Remember to use &amp; and &quot; for & and " in xml attributes.

In a match attribute, hal.* is special since it matches any device.

In a match attribute property it is possible to refer to other

device properties. For example 

hal.block.storage_device.hal.storage.policy.should_mount

refers to the storage.policy.should_mount property of the block.storage_device

device associated with a given device.

In an exec attribute, $hal.udi$ is special since it is replaced by

the device udi. $hal.some.property$ is replaced by the value

of the property some.property.

!-->

<!--

Removable devices support

!-->

<!--

This rule matches removable devices which have volume.policy.should_mount true

or don't have volume.policy.should_mount false.

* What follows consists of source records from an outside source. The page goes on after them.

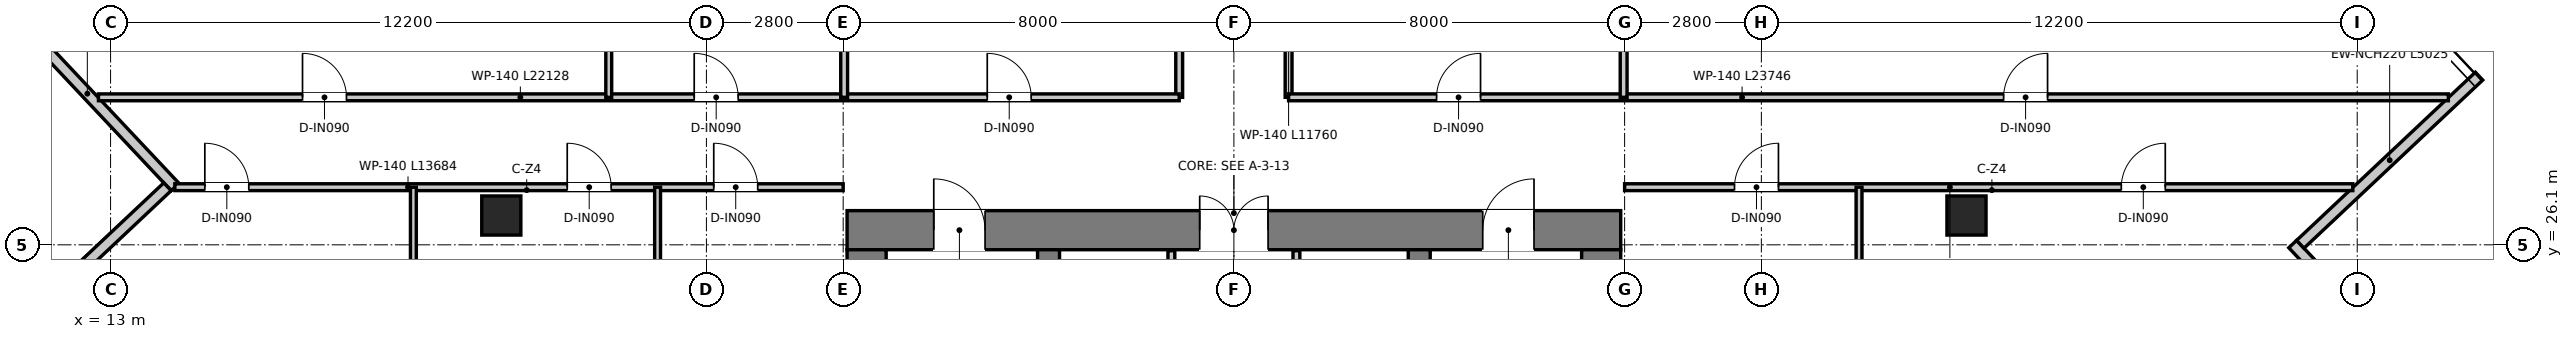
"""IFC4 building model, lengths in metres.
Left out: names, types, materials, properties, quantities, classifications, styles, units other than length and angle.
Written with IfcOpenShell. Run it as: python <this file> out.ifc"""

import sys

from ifc_helpers import new_model, si_unit, direction, frame, frame_2d, origin, origin_2d, place, context, subcontext, project, spatial, rectangle, extrude, source, transform, mapped, element, fill, save


model = new_model("IFC4")
c1 = context("Model", 3, precision=1e-05, world=origin(), true_north=direction((0.0, 1.0)))
c2 = subcontext(c1, "Body", "Model", "MODEL_VIEW")
j1 = project(units=[si_unit("LENGTHUNIT", "METRE"), si_unit("PLANEANGLEUNIT", "RADIAN")], contexts=[c1])
p1 = place(None, origin())
s1 = spatial("IfcSite", under=j1, at=p1, CompositionType="ELEMENT")
p2 = place(p1, origin())
s2 = spatial("IfcBuilding", under=s1, at=p2, CompositionType="ELEMENT")
p3 = place(p2, frame((0.0, 0.0, 242.85)))
s3 = spatial("IfcBuildingStorey", under=s2, at=p3, CompositionType="ELEMENT", Elevation=242.85)
p4 = place(p3, frame((28.08, 26.4, 0.0), z_axis=(0.0, 0.0, 1.0), x_axis=(1.0, 0.0, 0.0)))
e1 = element("IfcWall", 1, at=p4, inside=s3, PredefinedType="SHEAR", context=c2, shape_type="SweptSolid", body=[
    extrude(rectangle(XDim=15.84, YDim=0.8, at=frame_2d((7.92, 0.0))), origin(), (0.0, 0.0, 1.0), 3.95),
])
p5 = place(p4, frame((7.22, 0.0, 0.0)))
e2 = element("IfcOpeningElement", 2, at=p5, cuts=e1, PredefinedType="OPENING", context=c2, shape_type="SweptSolid", body=[
    extrude(rectangle(XDim=1.4, YDim=2.2, at=frame_2d((0.7, 1.1))), frame((0.0, 0.41, 0.0), z_axis=(0.0, -1.0, 0.0), x_axis=(1.0, 0.0, 0.0)), (0.0, 0.0, 1.0), 0.82),
])
p6 = place(p4, frame((1.775, 0.0, 0.0)))
e3 = element("IfcOpeningElement", 3, at=p6, cuts=e1, PredefinedType="OPENING", context=c2, shape_type="SweptSolid", body=[
    extrude(rectangle(XDim=1.05, YDim=2.1, at=frame_2d((0.525, 1.05))), frame((0.0, 0.41, 0.0), z_axis=(0.0, -1.0, 0.0), x_axis=(1.0, 0.0, 0.0)), (0.0, 0.0, 1.0), 0.82),
])
p7 = place(p4, frame((13.015, 0.0, 0.0)))
e4 = element("IfcOpeningElement", 4, at=p7, cuts=e1, PredefinedType="OPENING", context=c2, shape_type="SweptSolid", body=[
    extrude(rectangle(XDim=1.05, YDim=2.1, at=frame_2d((0.525, 1.05))), frame((0.0, 0.41, 0.0), z_axis=(0.0, -1.0, 0.0), x_axis=(1.0, 0.0, 0.0)), (0.0, 0.0, 1.0), 0.82),
])
for number, where, z_axis, x_axis in (
    (5, (28.48, 11.3, 0.0), (0.0, 0.0, 1.0), (0.0, 1.0, 0.0)),
    (6, (43.52, 11.3, 0.0), (0.0, 0.0, 1.0), (0.0, 1.0, 0.0)),
):
    element("IfcWall", number, at=place(p3, frame(where, z_axis=z_axis, x_axis=x_axis)), inside=s3, PredefinedType="SHEAR", context=c2, shape_type="SweptSolid", body=[
        extrude(rectangle(XDim=14.7, YDim=0.8, at=frame_2d((7.35, 0.0))), origin(), (0.0, 0.0, 1.0), 3.95),
    ])
p8 = place(p3, frame((32.205, 13.22, 0.0), z_axis=(0.0, 0.0, 1.0), x_axis=(0.0, 1.0, 0.0)))
e7 = element("IfcWall", 7, at=p8, inside=s3, PredefinedType="SHEAR", context=c2, shape_type="SweptSolid", body=[
    extrude(rectangle(XDim=12.78, YDim=0.45, at=frame_2d((6.39, 0.0))), origin(), (0.0, 0.0, 1.0), 3.95),
])
p9 = place(p8, frame((10.58, 0.0, 0.0)))
e8 = element("IfcOpeningElement", 8, at=p9, cuts=e7, PredefinedType="OPENING", context=c2, shape_type="SweptSolid", body=[
    extrude(rectangle(XDim=1.1, YDim=2.15, at=frame_2d((0.55, 1.075))), frame((0.0, 0.235, 0.0), z_axis=(0.0, -1.0, 0.0), x_axis=(1.0, 0.0, 0.0)), (0.0, 0.0, 1.0), 0.47),
])
p10 = place(p3, frame((39.795, 13.22, 0.0), z_axis=(0.0, 0.0, 1.0), x_axis=(0.0, 1.0, 0.0)))
e9 = element("IfcWall", 9, at=p10, inside=s3, PredefinedType="SHEAR", context=c2, shape_type="SweptSolid", body=[
    extrude(rectangle(XDim=12.78, YDim=0.45, at=frame_2d((6.39, 0.0))), origin(), (0.0, 0.0, 1.0), 3.95),
])
p11 = place(p10, frame((10.58, 0.0, 0.0)))
e10 = element("IfcOpeningElement", 10, at=p11, cuts=e9, PredefinedType="OPENING", context=c2, shape_type="SweptSolid", body=[
    extrude(rectangle(XDim=1.1, YDim=2.15, at=frame_2d((0.55, 1.075))), frame((0.0, 0.235, 0.0), z_axis=(0.0, -1.0, 0.0), x_axis=(1.0, 0.0, 0.0)), (0.0, 0.0, 1.0), 0.47),
])
m1 = source(origin(), c2, "Body", "SweptSolid", [
    extrude(rectangle(XDim=0.8, YDim=0.8, at=origin_2d()), origin(), (0.0, 0.0, 1.0), 3.95),
])
for number, where, z_axis, x_axis in (
    (11, (21.0, 26.7, 0.0), (0.0, 0.0, 1.0), (1.0, 0.0, 0.0)),
    (12, (51.0, 26.7, 0.0), (0.0, 0.0, 1.0), (1.0, 0.0, 0.0)),
):
    element("IfcColumn", number, at=place(p3, frame(where, z_axis=z_axis, x_axis=x_axis)), inside=s3, PredefinedType="COLUMN", context=c2, shape_type="MappedRepresentation", body=[
        mapped(m1, transform((0.0, 0.0, 0.0), x_axis=(1.0, 0.0, 0.0), y_axis=(0.0, 1.0, 0.0), z_axis=(0.0, 0.0, 1.0), scale=1.0)),
    ])
p12 = place(p3, frame((10.727, 31.105, 0.0), z_axis=(0.0, 0.0, 1.0), x_axis=(0.685178828418, -0.728374884992, 0.0)))
e13 = element("IfcWall", 13, at=p12, inside=s3, PredefinedType="ELEMENTEDWALL", context=c2, shape_type="SweptSolid", body=[
    extrude(rectangle(XDim=5.245, YDim=0.22, at=frame_2d((2.623, 0.0))), origin(), (0.0, 0.0, 1.0), 3.67),
])
p13 = place(p3, frame((14.165, 27.289, 0.0), z_axis=(0.0, 0.0, 1.0), x_axis=(-0.728372554527, -0.685181305796, 0.0)))
e14 = element("IfcWall", 14, at=p13, inside=s3, PredefinedType="ELEMENTEDWALL", context=c2, shape_type="SweptSolid", body=[
    extrude(rectangle(XDim=5.025, YDim=0.22, at=frame_2d((2.513, 0.0))), origin(), (0.0, 0.0, 1.0), 3.67),
])
p14 = place(p3, frame((61.273, 22.295, 0.0), z_axis=(0.0, 0.0, 1.0), x_axis=(-0.685178828418, 0.728374884992, 0.0)))
e15 = element("IfcWall", 15, at=p14, inside=s3, PredefinedType="ELEMENTEDWALL", context=c2, shape_type="SweptSolid", body=[
    extrude(rectangle(XDim=5.245, YDim=0.22, at=frame_2d((2.623, 0.0))), origin(), (0.0, 0.0, 1.0), 3.67),
])
p15 = place(p3, frame((57.835, 26.111, 0.0), z_axis=(0.0, 0.0, 1.0), x_axis=(0.728372554527, 0.685181305796, 0.0)))
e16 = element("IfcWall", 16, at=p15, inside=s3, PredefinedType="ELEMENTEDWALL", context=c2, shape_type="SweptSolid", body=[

Upon insertion, they are mounted and recorded by halevt-mount. 

-m 002 sets the umask of mount to 002 when pmount is used system-wide

to mount the device. This allows regular users to read the device.

!-->

<halevt:Device match="&MOUNTABLE;">

   <!-- <halevt:Insertion exec="halevt-mount -u $hal.udi$ -o sync -m 002"/> -->

   <halevt:Insertion exec="halevt-mount -u $hal.udi$ -d /dev/disk/by-uuid/$hal.volume.uuid$ -m 002"/>

</halevt:Device>

<!-- if didn't mount using uuid, try mounting by label - my attempt to get disk_06 to mount properly-->

<halevt:Device match="&MOUNTABLE; &amp; ! hal.volume.is_mounted;">

   <halevt:Insertion exec="halevt-mount /mnt/$hal.volume.label$"/>

</halevt:Device>

<!--

When a device get a mount point, it is passed to halevt-mount which can 

record it. The property that changes is volume.is_mounted, and the action is

executed when the value of volume.is_mounted becomes true.

!-->

<halevt:Device match="hal.block.device &amp; hal.block.is_volume = true &amp; hal.volume.mount_point">

   <halevt:Property name="hal.volume.is_mounted">

      <halevt:Action value="true" exec="halevt-mount -s"/>

   </halevt:Property>

</halevt:Device>

<!--

When a device is unmounted, it is recorded by halevt-mount.

!-->

<halevt:Device match="hal.block.device &amp; hal.block.is_volume = true">

    <halevt:Property name="hal.volume.is_mounted">

        <halevt:Action value="false" exec="halevt-mount -s"/>

    </halevt:Property>

</halevt:Device>

<!--

When a device is removed, it is recorded by halevt-mount.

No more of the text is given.